In this thread Sergio J. de los Santos seems convinced that in D3D12 commandlist building is cheap but submission is expensive.  I haven't confirmed this yet but if true wouldn't overloading one thread with submission be suboptimal?
Putting commands into a cmd list is cheap, but you do it tens of thousands of times per frame. Submission is "expensive" for a single function call (similar to typical function calls in older D3D versions :P) but you do it a handful of times per frame.

Share on other sites

Sure, you can use many GPU queues, and then use fences on the GPU side to synchronize them, but that's a lot of extra overhead.

Just to clarify, the dx12 multithreaded sample is generating command lists in multiple threads so all the gpu commands are still executed in order (by list and then command), while the multiadapter sample uses different gpu queues and executes two sets of commands concurrently, right? Is it ever useful to have multiple Gpu queues on a single adapter? I thought that on Nvidia cards it isn't even very useful to have a separate Gpu/Compute queue on the same adapter.

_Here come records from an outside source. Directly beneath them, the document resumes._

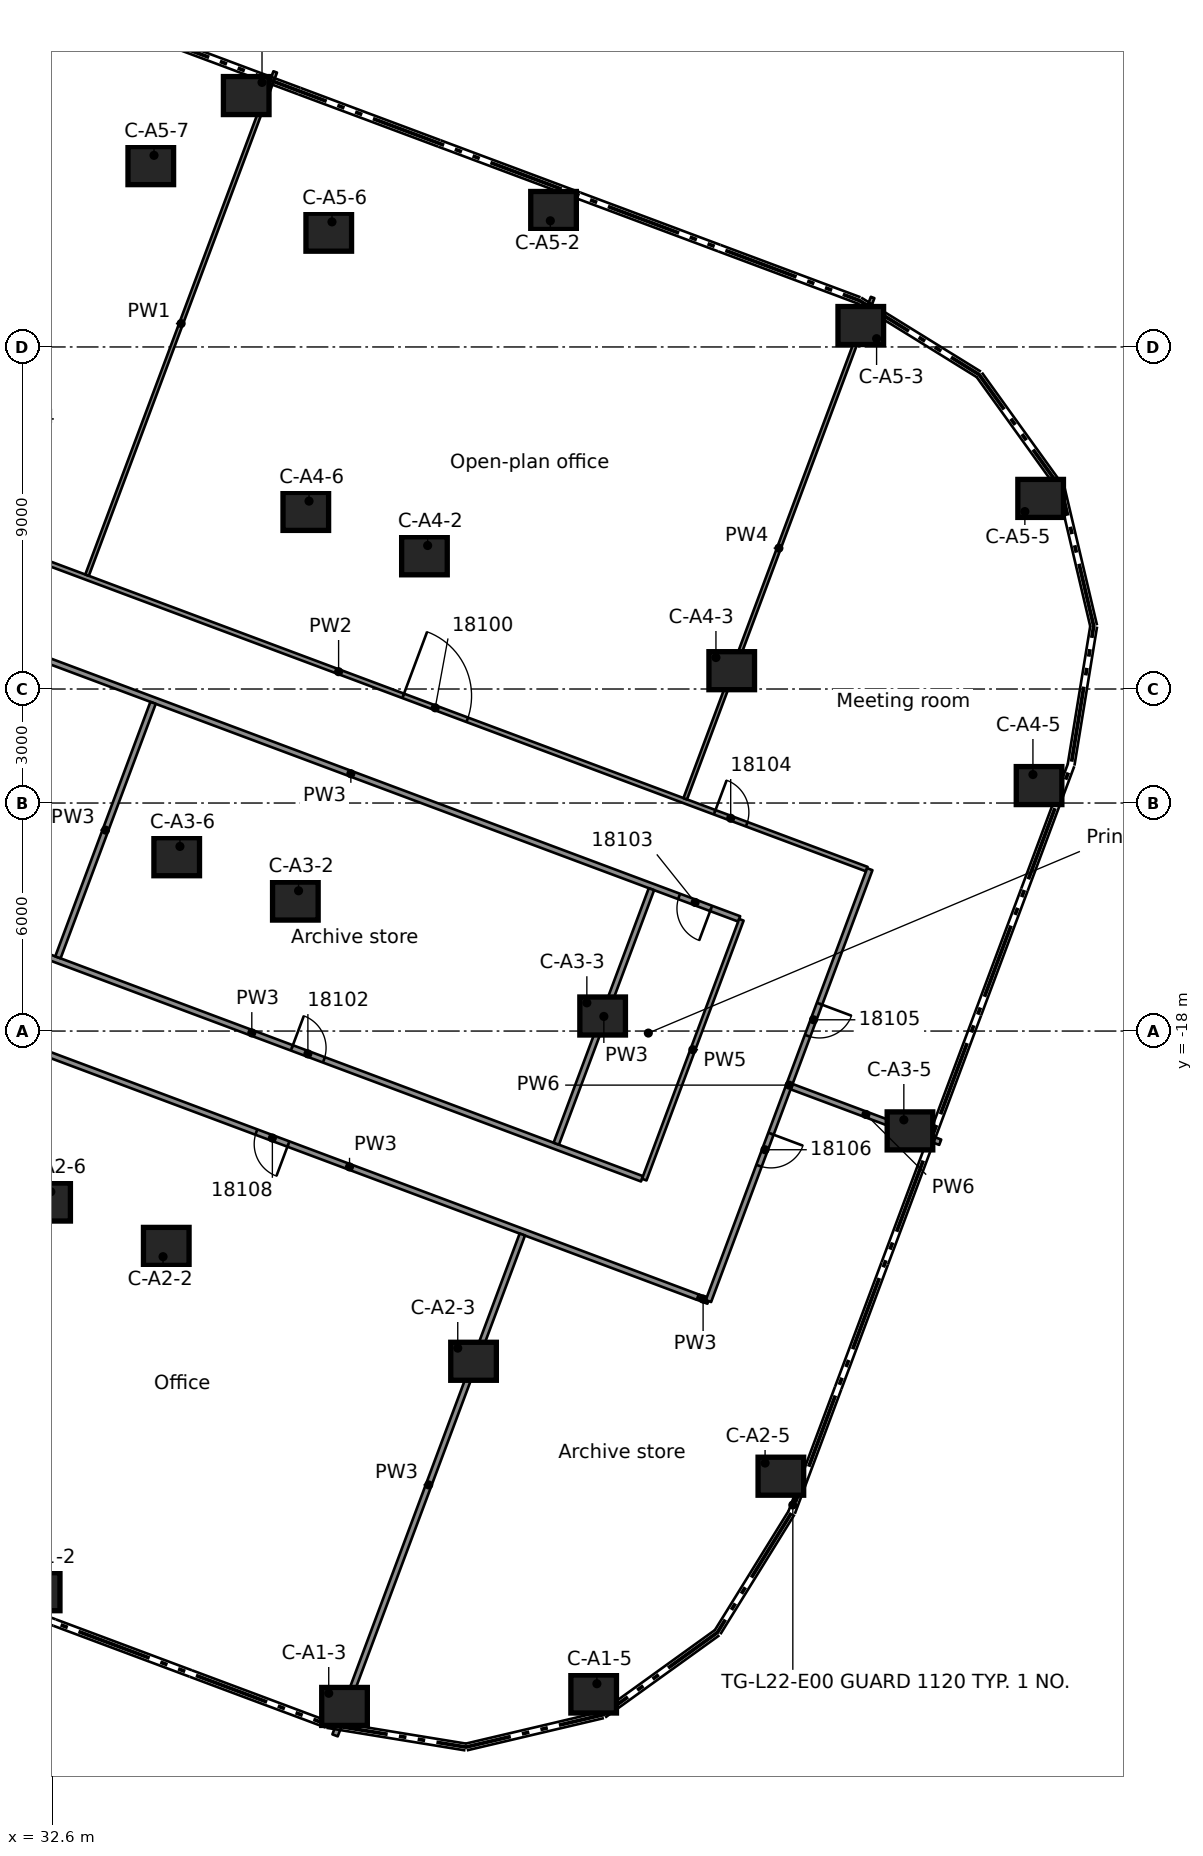
"""IFC4 building model, lengths in metres.
Left out: names, types, materials, properties, quantities, classifications, styles, units other than length and angle.
Written with IfcOpenShell. Run it as: python <this file> out.ifc"""

import sys

from ifc_helpers import new_model, si_unit, direction, frame, frame_2d, origin, origin_2d, place, context, subcontext, project, spatial, rectangle, extrude, element, fill, save


model = new_model("IFC4")
c1 = context("Model", 3, precision=1e-05, world=origin(), true_north=direction((0.0, 1.0)))
c2 = subcontext(c1, "Body", "Model", "MODEL_VIEW")
j1 = project(units=[si_unit("LENGTHUNIT", "METRE"), si_unit("PLANEANGLEUNIT", "RADIAN")], contexts=[c1])
p1 = place(None, origin())
s1 = spatial("IfcSite", under=j1, at=p1, CompositionType="ELEMENT")
p2 = place(p1, origin())
s2 = spatial("IfcBuilding", under=s1, at=p2, CompositionType="ELEMENT")
p3 = place(p2, frame((0.0, 0.0, 91.2)))
s3 = spatial("IfcBuildingStorey", under=s2, at=p3, CompositionType="ELEMENT", Elevation=91.2)
for number, where, z_axis, x_axis in (
    (1, (32.203, -32.752, 0.0), (0.0, 0.0, 1.0), (1.0, 0.0, 0.0)),
    (2, (40.291, -35.771, 0.0), (0.0, 0.0, 1.0), (1.0, 0.0, 0.0)),
    (3, (46.847, -35.444, 0.0), (0.0, 0.0, 1.0), (1.0, 0.0, 0.0)),
    (4, (35.6, -23.666, 0.0), (0.0, 0.0, 1.0), (1.0, 0.0, 0.0)),
    (5, (43.686, -26.689, 0.0), (0.0, 0.0, 1.0), (1.0, 0.0, 0.0)),
    (6, (51.773, -29.713, 0.0), (0.0, 0.0, 1.0), (1.0, 0.0, 0.0)),
    (7, (32.478, -22.499, 0.0), (0.0, 0.0, 1.0), (1.0, 0.0, 0.0)),
    (8, (38.997, -14.58, 0.0), (0.0, 0.0, 1.0), (1.0, 0.0, 0.0)),
    (9, (47.083, -17.604, 0.0), (0.0, 0.0, 1.0), (1.0, 0.0, 0.0)),
    (10, (55.17, -20.627, 0.0), (0.0, 0.0, 1.0), (1.0, 0.0, 0.0)),
    (11, (35.875, -13.413, 0.0), (0.0, 0.0, 1.0), (1.0, 0.0, 0.0)),
    (12, (42.394, -5.495, 0.0), (0.0, 0.0, 1.0), (1.0, 0.0, 0.0)),
    (13, (50.48, -8.518, 0.0), (0.0, 0.0, 1.0), (1.0, 0.0, 0.0)),
    (14, (58.567, -11.541, 0.0), (0.0, 0.0, 1.0), (1.0, 0.0, 0.0)),
    (15, (39.272, -4.327, 0.0), (0.0, 0.0, 1.0), (1.0, 0.0, 0.0)),
    (16, (37.704, 6.615, 0.0), (0.0, 0.0, 1.0), (1.0, 0.0, 0.0)),
    (17, (45.791, 3.591, 0.0), (0.0, 0.0, 1.0), (1.0, 0.0, 0.0)),
    (18, (53.876, 0.564, 0.0), (0.0, 0.0, 1.0), (1.0, 0.0, 0.0)),
    (19, (58.609, -3.985, 0.0), (0.0, 0.0, 1.0), (1.0, 0.0, 0.0)),
    (20, (39.876, 3.02, 0.0), (0.0, 0.0, 1.0), (1.0, 0.0, 0.0)),
    (21, (35.193, 4.771, 0.0), (0.0, 0.0, 1.0), (1.0, 0.0, 0.0)),
):
    element("IfcColumn", number, at=place(p3, frame(where, z_axis=z_axis, x_axis=x_axis)), inside=s3, PredefinedType="COLUMN", context=c2, shape_type="SweptSolid", body=[
        extrude(rectangle(XDim=1.2, YDim=1.0, at=origin_2d()), origin(), (0.0, 0.0, 1.0), 3.5),
    ])
p4 = place(p3, frame((49.587, -24.999, 0.0), z_axis=(0.0, 0.0, 1.0), x_axis=(0.93595848705, -0.352110366957, 0.0)))
e22 = element("IfcWall", 22, at=p4, inside=s3, PredefinedType="PARTITIONING", context=c2, shape_type="SweptSolid", body=[
    extrude(rectangle(XDim=0.298, YDim=0.15, at=frame_2d((0.149, 0.0))), origin(), (0.0, 0.0, 1.0), 3.08),
])
p5 = place(p3, frame((49.585, -25.001, 0.0), z_axis=(0.0, 0.0, 1.0), x_axis=(-0.936641004212, 0.350290778111, 0.0)))
e23 = element("IfcWall", 23, at=p5, inside=s3, PredefinedType="PARTITIONING", context=c2, shape_type="SweptSolid", body=[
    extrude(rectangle(XDim=24.457, YDim=0.15, at=frame_2d((12.228, 0.0))), origin(), (0.0, 0.0, 1.0), 3.08),
])
p6 = place(p5, frame((21.25, 0.0, 0.0)))
e24 = element("IfcOpeningElement", 24, at=p6, cuts=e23, PredefinedType="OPENING", context=c2, shape_type="SweptSolid", body=[
    extrude(rectangle(XDim=0.9, YDim=2.1, at=frame_2d((0.45, 1.05))), frame((0.0, 0.085, 0.0), z_axis=(0.0, -1.0, 0.0), x_axis=(1.0, 0.0, 0.0)), (0.0, 0.0, 1.0), 0.17),
])
p7 = place(p5, frame((11.5, 0.0, 0.0)))
e25 = element("IfcOpeningElement", 25, at=p7, cuts=e23, PredefinedType="OPENING", context=c2, shape_type="SweptSolid", body=[
    extrude(rectangle(XDim=0.9, YDim=2.1, at=frame_2d((0.45, 1.05))), frame((0.0, 0.085, 0.0), z_axis=(0.0, -1.0, 0.0), x_axis=(1.0, 0.0, 0.0)), (0.0, 0.0, 1.0), 0.17),
])
p8 = place(p3, frame((27.583, -14.209, 0.0), z_axis=(0.0, 0.0, 1.0), x_axis=(0.936658709203, -0.350243433164, 0.0)))
e26 = element("IfcWall", 26, at=p8, inside=s3, PredefinedType="PARTITIONING", context=c2, shape_type="SweptSolid", body=[
    extrude(rectangle(XDim=21.925, YDim=0.15, at=frame_2d((10.962, 0.0))), origin(), (0.0, 0.0, 1.0), 3.08),
])
p9 = place(p8, frame((2.288, 0.0, 0.0)))
e27 = element("IfcOpeningElement", 27, at=p9, cuts=e26, PredefinedType="OPENING", context=c2, shape_type="SweptSolid", body=[
    extrude(rectangle(XDim=0.9, YDim=2.1, at=frame_2d((0.45, 1.05))), frame((0.0, 0.085, 0.0), z_axis=(0.0, -1.0, 0.0), x_axis=(1.0, 0.0, 0.0)), (0.0, 0.0, 1.0), 0.17),
])
p10 = place(p8, frame((12.088, 0.0, 0.0)))
e28 = element("IfcOpeningElement", 28, at=p10, cuts=e26, PredefinedType="OPENING", context=c2, shape_type="SweptSolid", body=[
    extrude(rectangle(XDim=0.9, YDim=2.1, at=frame_2d((0.45, 1.05))), frame((0.0, 0.085, 0.0), z_axis=(0.0, -1.0, 0.0), x_axis=(1.0, 0.0, 0.0)), (0.0, 0.0, 1.0), 0.17),
])
p11 = place(p3, frame((52.056, -19.463, 0.0), z_axis=(0.0, 0.0, 1.0), x_axis=(0.936655632934, -0.350251659943, 0.0)))
e29 = element("IfcWall", 29, at=p11, inside=s3, PredefinedType="PARTITIONING", context=c2, shape_type="SweptSolid", body=[
    extrude(rectangle(XDim=4.175, YDim=0.15, at=frame_2d((2.087, 0.0))), origin(), (0.0, 0.0, 1.0), 2.469),
])
p12 = place(p3, frame((50.676, -15.049, 0.0), z_axis=(0.0, 0.0, 1.0), x_axis=(-0.936701134279, 0.350129954505, 0.0)))
e30 = element("IfcWall", 30, at=p12, inside=s3, PredefinedType="PARTITIONING", context=c2, shape_type="SweptSolid", body=[
    extrude(rectangle(XDim=21.818, YDim=0.15, at=frame_2d((10.909, 0.0))), origin(), (0.0, 0.0, 1.0), 3.08),
])
p13 = place(p12, frame((0.788, 0.0, 0.0)))
e31 = element("IfcOpeningElement", 31, at=p13, cuts=e30, PredefinedType="OPENING", context=c2, shape_type="SweptSolid", body=[
    extrude(rectangle(XDim=0.9, YDim=2.1, at=frame_2d((0.45, 1.05))), frame((0.0, 0.085, 0.0), z_axis=(0.0, -1.0, 0.0), x_axis=(1.0, 0.0, 0.0)), (0.0, 0.0, 1.0), 0.17),
])
p14 = place(p3, frame((30.869, -5.082, 0.0), z_axis=(0.0, 0.0, 1.0), x_axis=(0.936726175225, -0.350062955264, 0.0)))
e32 = element("IfcWall", 32, at=p14, inside=s3, PredefinedType="PARTITIONING", context=c2, shape_type="SweptSolid", body=[
    extrude(rectangle(XDim=24.73, YDim=0.125, at=frame_2d((12.365, 0.0))), origin(), (0.0, 0.0, 1.0), 3.08),
])
p15 = place(p14, frame((11.706, 0.0, 0.0)))
e33 = element("IfcOpeningElement", 33, at=p15, cuts=e32, PredefinedType="OPENING", context=c2, shape_type="SweptSolid", body=[
    extrude(rectangle(XDim=1.8, YDim=2.1, at=frame_2d((0.9, 1.05))), frame((0.0, 0.073, 0.0), z_axis=(0.0, -1.0, 0.0), x_axis=(1.0, 0.0, 0.0)), (0.0, 0.0, 1.0), 0.145),
])
p16 = place(p14, frame((20.457, 0.0, 0.0)))
e34 = element("IfcOpeningElement", 34, at=p16, cuts=e32, PredefinedType="OPENING", context=c2, shape_type="SweptSolid", body=[
    extrude(rectangle(XDim=0.9, YDim=2.1, at=frame_2d((0.45, 1.05))), frame((0.0, 0.073, 0.0), z_axis=(0.0, -1.0, 0.0), x_axis=(1.0, 0.0, 0.0)), (0.0, 0.0, 1.0), 0.145),
])
p17 = place(p3, frame((54.113, -13.741, 0.0), z_axis=(0.0, 0.0, 1.0), x_axis=(-0.350035835617, -0.936736309632, 0.0)))
e35 = element("IfcWall", 35, at=p17, inside=s3, PredefinedType="PARTITIONING", context=c2, shape_type="SweptSolid", body=[
    extrude(rectangle(XDim=12.13, YDim=0.15, at=frame_2d((6.065, 0.0))), origin(), (0.0, 0.0, 1.0), 2.469),
])
p18 = place(p17, frame((3.78, 0.0, 0.0)))
e36 = element("IfcOpeningElement", 36, at=p18, cuts=e35, PredefinedType="OPENING", context=c2, shape_type="SweptSolid", body=[
    extrude(rectangle(XDim=0.9, YDim=2.1, at=frame_2d((0.45, 1.05))), frame((0.0, 0.085, 0.0), z_axis=(0.0, -1.0, 0.0), x_axis=(1.0, 0.0, 0.0)), (0.0, 0.0, 1.0), 0.17),
])
p19 = place(p17, frame((7.43, 0.0, 0.0)))
e37 = element("IfcOpeningElement", 37, at=p19, cuts=e35, PredefinedType="OPENING", context=c2, shape_type="SweptSolid", body=[
    extrude(rectangle(XDim=0.9, YDim=2.1, at=frame_2d((0.45, 1.05))), frame((0.0, 0.085, 0.0), z_axis=(0.0, -1.0, 0.0), x_axis=(1.0, 0.0, 0.0)), (0.0, 0.0, 1.0), 0.17),
])
p20 = place(p3, frame((48.178, -21.909, 0.0), z_axis=(0.0, 0.0, 1.0), x_axis=(0.350170212359, 0.93668608529, 0.0)))
e38 = element("IfcWall", 38, at=p20, inside=s3, PredefinedType="PARTITIONING", context=c2, shape_type="SweptSolid", body=[
    extrude(rectangle(XDim=7.299, YDim=0.125, at=frame_2d((3.649, 0.0))), origin(), (0.0, 0.0, 1.0), 2.469),
])
p21 = place(p3, frame((40.042, -36.532, 0.0), z_axis=(0.0, 0.0, 1.0), x_axis=(0.350242868869, 0.936658920209, 0.0)))
e39 = element("IfcWall", 39, at=p21, inside=s3, PredefinedType="PARTITIONING", context=c2, shape_type="SweptSolid", body=[
    extrude(rectangle(XDim=14.07, YDim=0.15, at=frame_2d((7.035, 0.0))), origin(), (0.0, 0.0, 1.0), 3.08),
])
p22 = place(p3, frame((45.863, -20.964, 0.0), z_axis=(0.0, 0.0, 1.0), x_axis=(0.35020646324, 0.936672532481, 0.0)))
e40 = element("IfcWall", 40, at=p22, inside=s3, PredefinedType="PARTITIONING", context=c2, shape_type="SweptSolid", body=[
    extrude(rectangle(XDim=7.15, YDim=0.15, at=frame_2d((3.575, 0.0))), origin(), (0.0, 0.0, 1.0), 3.08),
])
p23 = place(p3, frame((49.256, -11.889, 0.0), z_axis=(0.0, 0.0, 1.0), x_axis=(0.35014670301, 0.936694873676, 0.0)))
e41 = element("IfcWall", 41, at=p23, inside=s3, PredefinedType="PARTITIONING", context=c2, shape_type="SweptSolid", body=[
    extrude(rectangle(XDim=14.083, YDim=0.1, at=frame_2d((7.041, 0.0))), origin(), (0.0, 0.0, 1.0), 2.445),
])
p24 = place(p3, frame((32.749, -16.061, 0.0), z_axis=(0.0, 0.0, 1.0), x_axis=(0.35020646324, 0.936672532481, 0.0)))
e42 = element("IfcWall", 42, at=p24, inside=s3, PredefinedType="PARTITIONING", context=c2, shape_type="SweptSolid", body=[
    extrude(rectangle(XDim=7.15, YDim=0.15, at=frame_2d((3.575, 0.0))), origin(), (0.0, 0.0, 1.0), 3.08),
])
p25 = place(p3, frame((33.516, -6.004, 0.0), z_axis=(0.0, 0.0, 1.0), x_axis=(0.350228055147, 0.936664459338, 0.0)))
e43 = element("IfcWall", 43, at=p25, inside=s3, PredefinedType="PARTITIONING", context=c2, shape_type="SweptSolid", body=[
    extrude(rectangle(XDim=14.136, YDim=0.1, at=frame_2d((7.068, 0.0))), origin(), (0.0, 0.0, 1.0), 3.08),
])
p26 = place(p15, origin())
e44 = element("IfcDoor", 44, at=p26, inside=s3, OperationType="DOUBLE_DOOR_SINGLE_SWING", PredefinedType="DOOR", context=c2, shape_type="SweptSolid", body=[
    extrude(rectangle(XDim=1.8, YDim=2.1, at=frame_2d((0.9, 1.05))), frame((0.0, 0.025, 0.0), z_axis=(0.0, -1.0, 0.0), x_axis=(1.0, 0.0, 0.0)), (0.0, 0.0, 1.0), 0.05),
])
fill(e33, e44)
p27 = place(p10, origin())
e45 = element("IfcDoor", 45, at=p27, inside=s3, OperationType="SINGLE_SWING_RIGHT", PredefinedType="DOOR", context=c2, shape_type="SweptSolid", body=[
    extrude(rectangle(XDim=0.9, YDim=2.1, at=frame_2d((0.45, 1.05))), frame((0.0, 0.025, 0.0), z_axis=(0.0, -1.0, 0.0), x_axis=(1.0, 0.0, 0.0)), (0.0, 0.0, 1.0), 0.05),
])
fill(e28, e45)
p28 = place(p13, origin())
e46 = element("IfcDoor", 46, at=p28, inside=s3, OperationType="SINGLE_SWING_LEFT", PredefinedType="DOOR", context=c2, shape_type="SweptSolid", body=[
    extrude(rectangle(XDim=0.9, YDim=2.1, at=frame_2d((0.45, 1.05))), frame((0.0, 0.025, 0.0), z_axis=(0.0, -1.0, 0.0), x_axis=(1.0, 0.0, 0.0)), (0.0, 0.0, 1.0), 0.05),
])
fill(e31, e46)
p29 = place(p16, origin())
e47 = element("IfcDoor", 47, at=p29, inside=s3, OperationType="SINGLE_SWING_RIGHT", PredefinedType="DOOR", context=c2, shape_type="SweptSolid", body=[
    extrude(rectangle(XDim=0.9, YDim=2.1, at=frame_2d((0.45, 1.05))), frame((0.0, 0.025, 0.0), z_axis=(0.0, -1.0, 0.0), x_axis=(1.0, 0.0, 0.0)), (0.0, 0.0, 1.0), 0.05),
])
fill(e34, e47)
p30 = place(p18, origin())
e48 = element("IfcDoor", 48, at=p30, inside=s3, OperationType="SINGLE_SWING_LEFT", PredefinedType="DOOR", context=c2, shape_type="SweptSolid", body=[
    extrude(rectangle(XDim=0.9, YDim=2.1, at=frame_2d((0.45, 1.05))), frame((0.0, 0.025, 0.0), z_axis=(0.0, -1.0, 0.0), x_axis=(1.0, 0.0, 0.0)), (0.0, 0.0, 1.0), 0.05),
])
fill(e36, e48)
p31 = place(p19, origin())
e49 = element("IfcDoor", 49, at=p31, inside=s3, OperationType="SINGLE_SWING_RIGHT", PredefinedType="DOOR", context=c2, shape_type="SweptSolid", body=[
    extrude(rectangle(XDim=0.9, YDim=2.1, at=frame_2d((0.45, 1.05))), frame((0.0, 0.025, 0.0), z_axis=(0.0, -1.0, 0.0), x_axis=(1.0, 0.0, 0.0)), (0.0, 0.0, 1.0), 0.05),
])
fill(e37, e49)
p32 = place(p7, origin())
e50 = element("IfcDoor", 50, at=p32, inside=s3, OperationType="SINGLE_SWING_LEFT", PredefinedType="DOOR", context=c2, shape_type="SweptSolid", body=[
    extrude(rectangle(XDim=0.9, YDim=2.1, at=frame_2d((0.45, 1.05))), frame((0.0, 0.025, 0.0), z_axis=(0.0, -1.0, 0.0), x_axis=(1.0, 0.0, 0.0)), (0.0, 0.0, 1.0), 0.05),
])
fill(e25, e50)
save(model, sys.argv[1])

It's weird though because I'm pretty sure cuda allows concurrent execution of different kernels.

Edited by Dingleberry

Share on other sites

Putting commands into a cmd list is cheap, but you do it tens of thousands of times per frame. Submission is "expensive" for a single function call (similar to typical function calls in older D3D versions ) but you do it a handful of times per frame.

But will submitting all cmdlists through a single processor/thread reduce the number of draw calls from there maximums?  Just curious.

Share on other sites

Submitting the command lists is the quick bit, you can even submit multiple command lists in a single call to ExecuteCommandLists. It's unlikely to have any material effect on how many draw calls you can make per second.

Share on other sites
Unless you're putting one draw call in a command list and queuing a million lists I think it's kind of unnecessary to worry about submission performance. It's presumably dwarfed by the time it takes to create the lists.